WCF has a mixed reputation. While very easy to get started with, the learning curve has proven to be incredibly steep. This is in part due to questionable design decisions, but most it is just a lack of education. Microsoft did a very poor job of documenting WCF, and it wasn’t until Carlos Figueira’s 2011 blog series titled WCF Extensibility that we actually got a good tutorial on the framework’s advanced features.

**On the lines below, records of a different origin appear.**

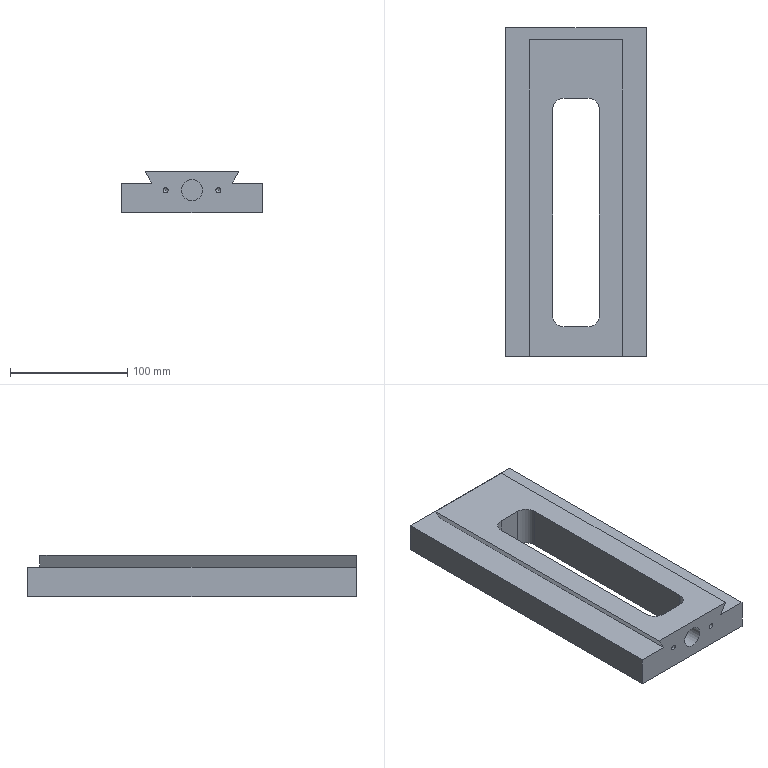Component | NX | SLIDE | 1 solid | 39 faces | volume 759740 mm3 | cylinder 15 | plane 14 | cone 10 | commonest cylinder face diameters 5 x8 20 x4 4.2 x2 18 x1
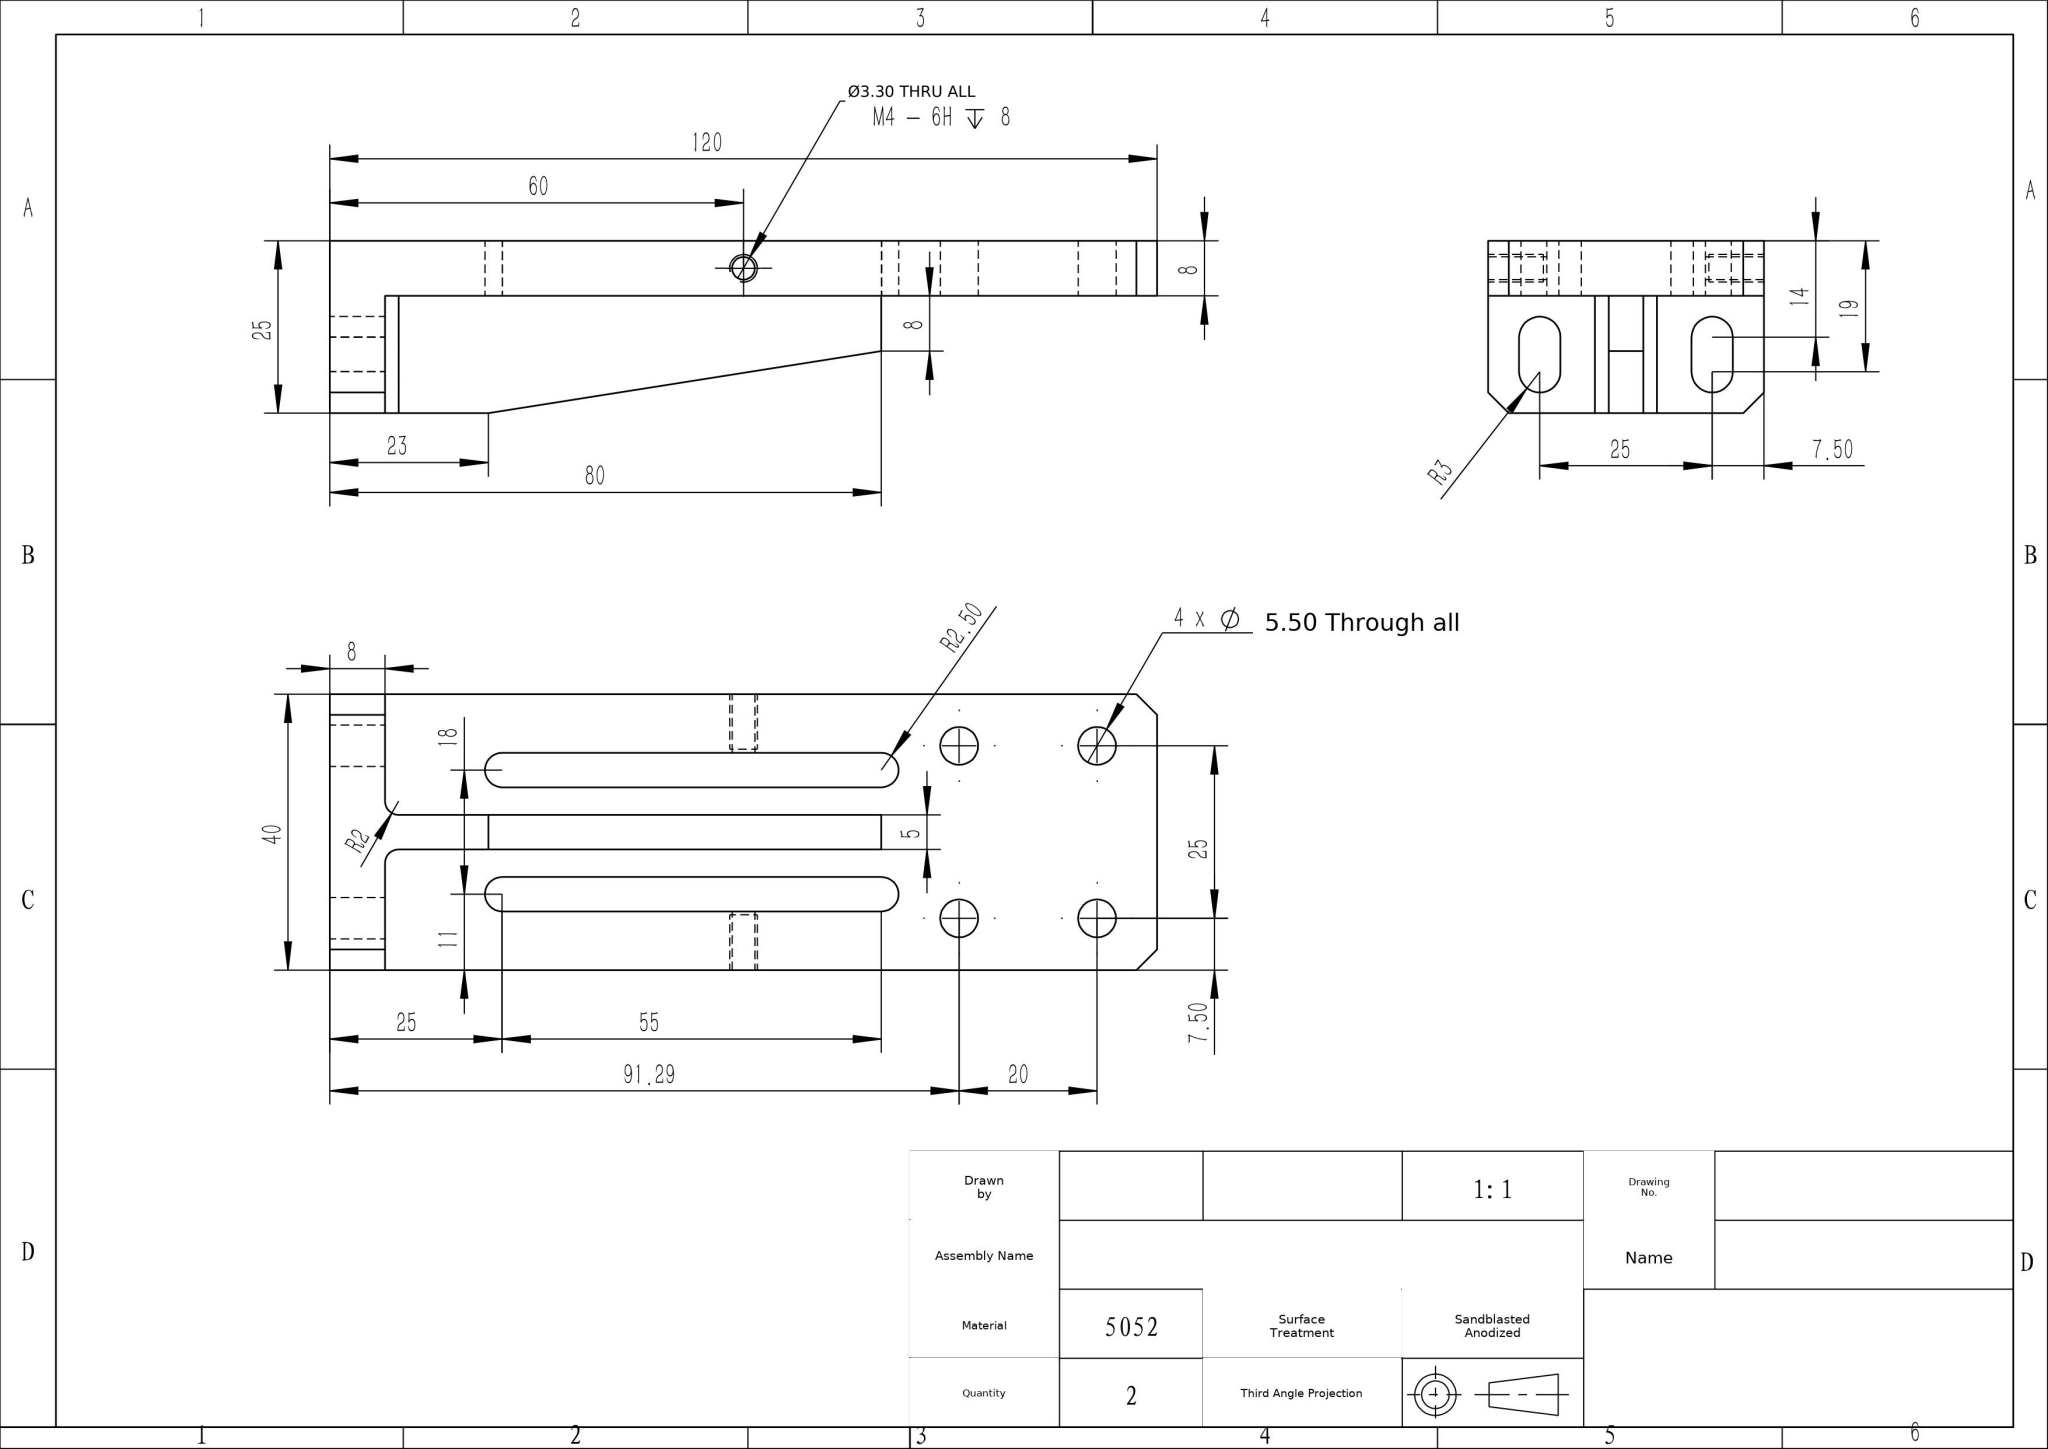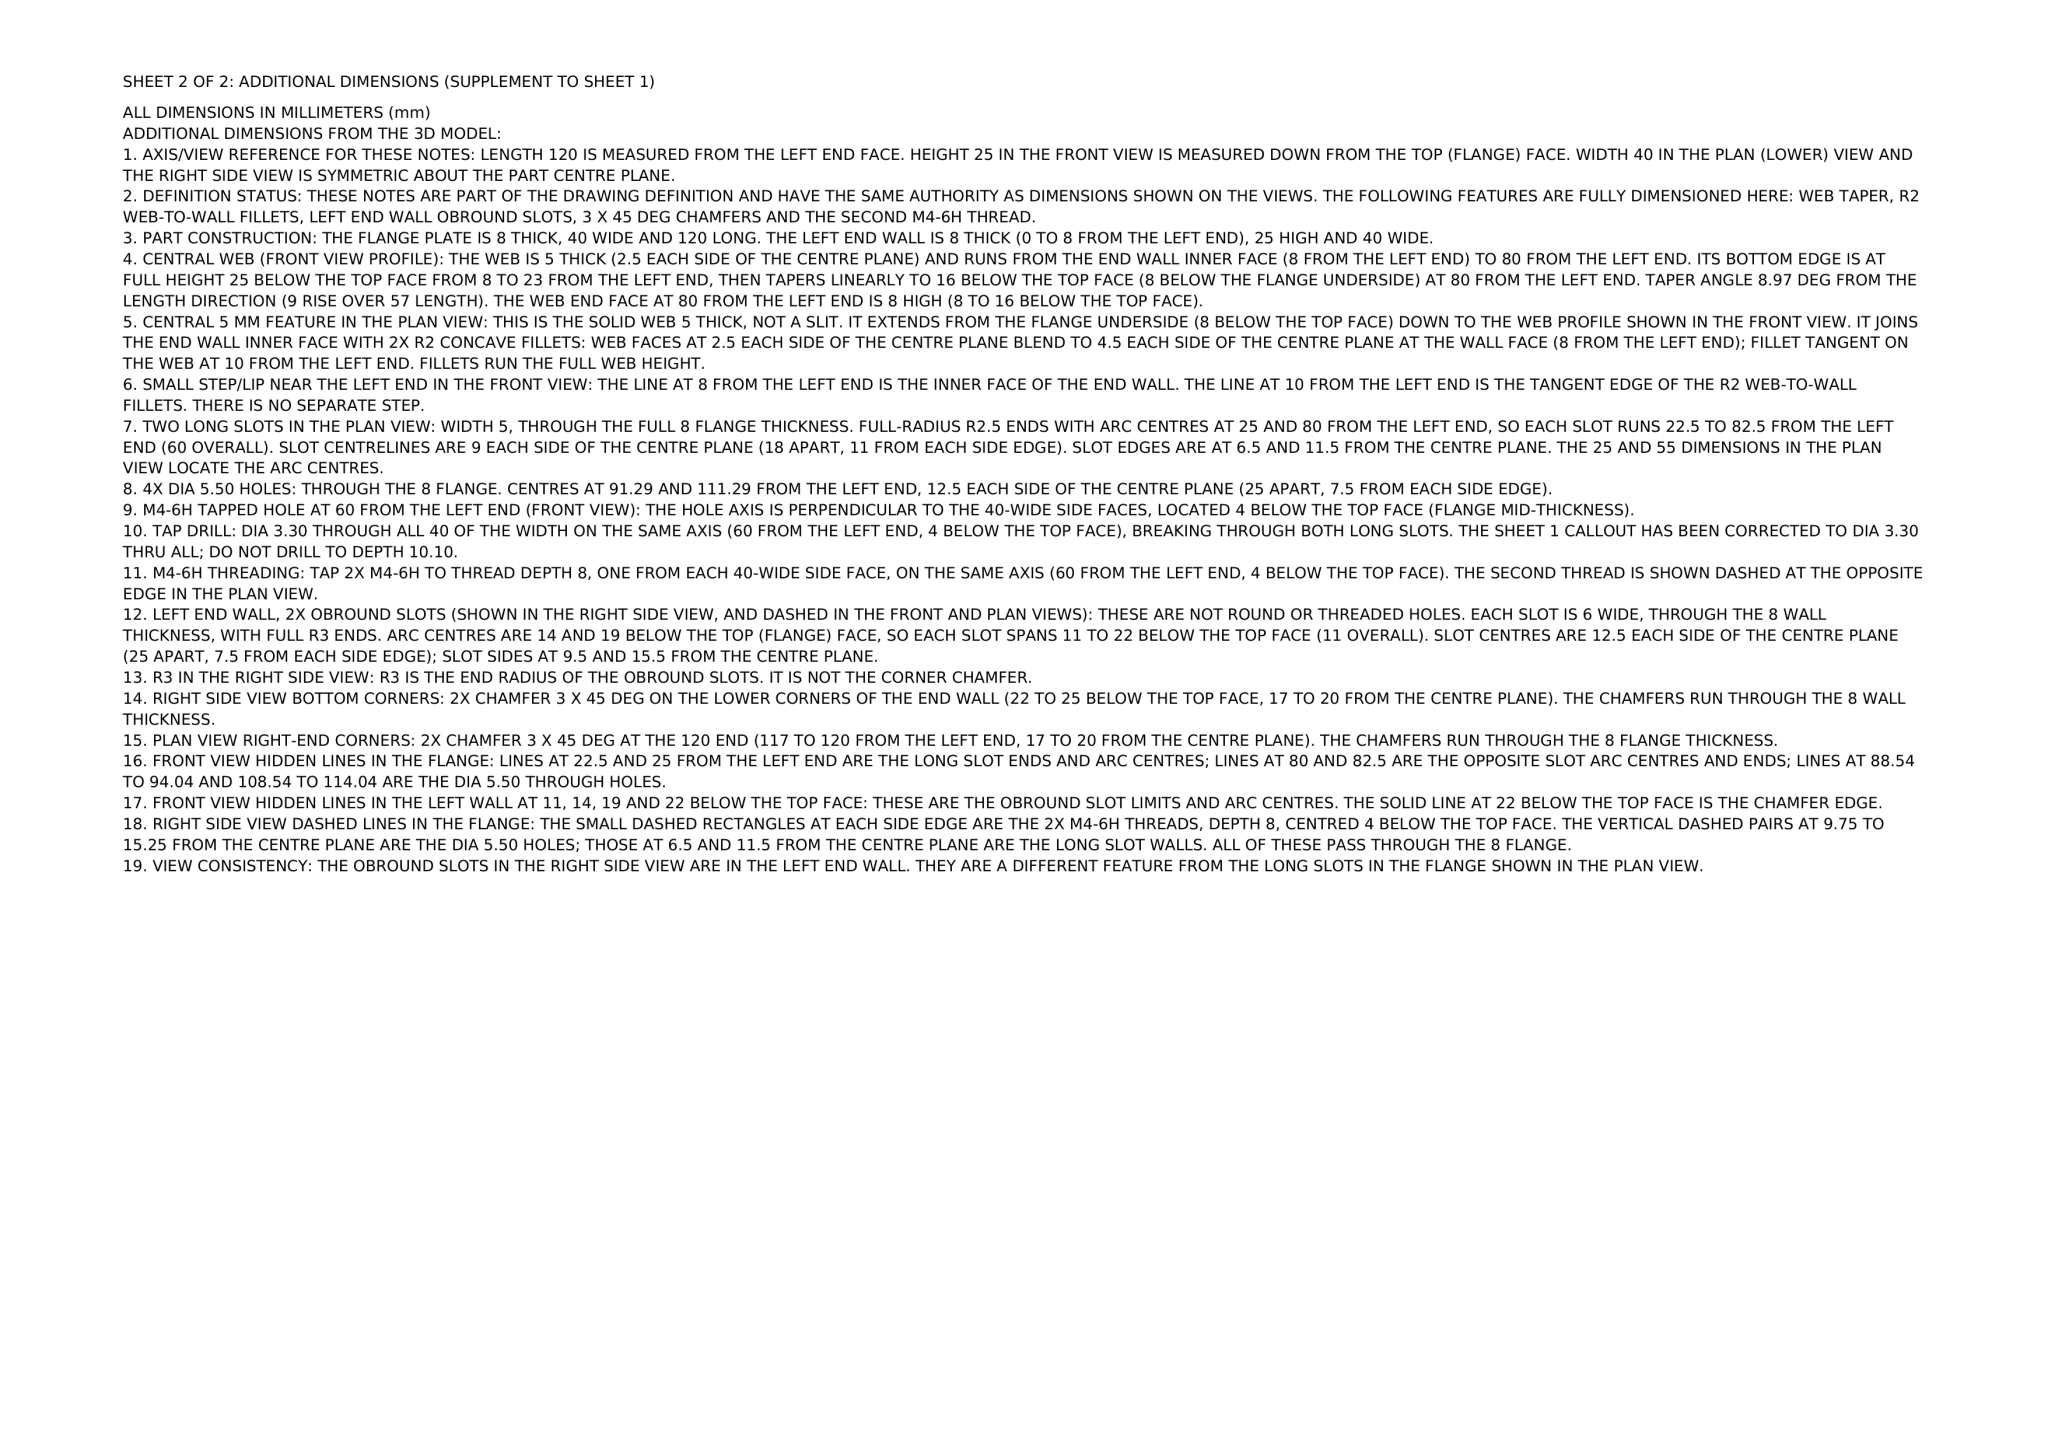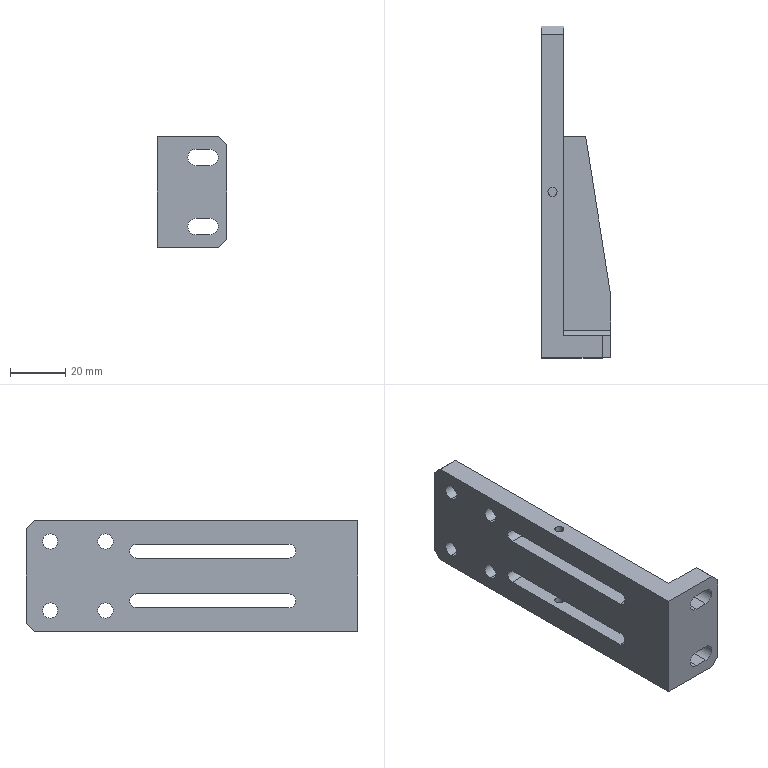Part | NX | mm | Slotted L-Shaped Wall Bracket | 1 solid | 51 faces | box 25 x 120 x 40 mm | volume 42010 mm3 | cylinder 26 | plane 25 | commonest cylinder face diameters 5.5 x8 5 x6 6 x6 3.3 x4 4 x2
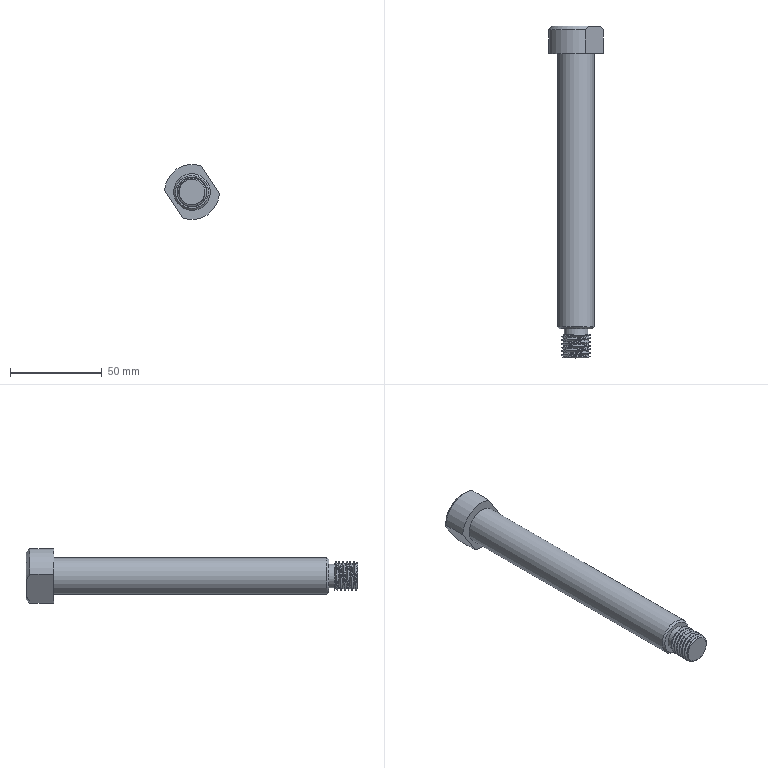Component | NX | LONG_PIN | 1 solid | 19 faces | volume 59136 mm3 | plane 7 | cylinder 6 | cone 4 | spline 2 | commonest cylinder face diameters 30 x2 20 x1 13 x1 16 x1 14 x1

The open source version of WCF is composed of five libraries:

  • ServiceModel.Primitives
  • ServiceModel.Http
  • ServiceModel.NetTcp
  • ServiceModel.Duplex
  • ServiceModel.Security

Ron Cain, Project lead for WCF, writes,

Microsoft released Visual Studio 2015 RC at the Build conference in April 2015, and it supports the ability to use WCF in both Universal Windows and ASP.NET 5 applications. The code used to build these WCF libraries used by VS 2015 RC was moved into this new GitHub repository, and the GitHub version will be the source used moving forward. By contributing to the WCF project you will be contributing directly to the WCF capabilities available to Universal Windows and ASP.NET 5 apps.

Everything you need for basic one-way communication over HTTP or TCP is in place. Two-way communication, web sockets, and various security features such as SSL are still a work in progress.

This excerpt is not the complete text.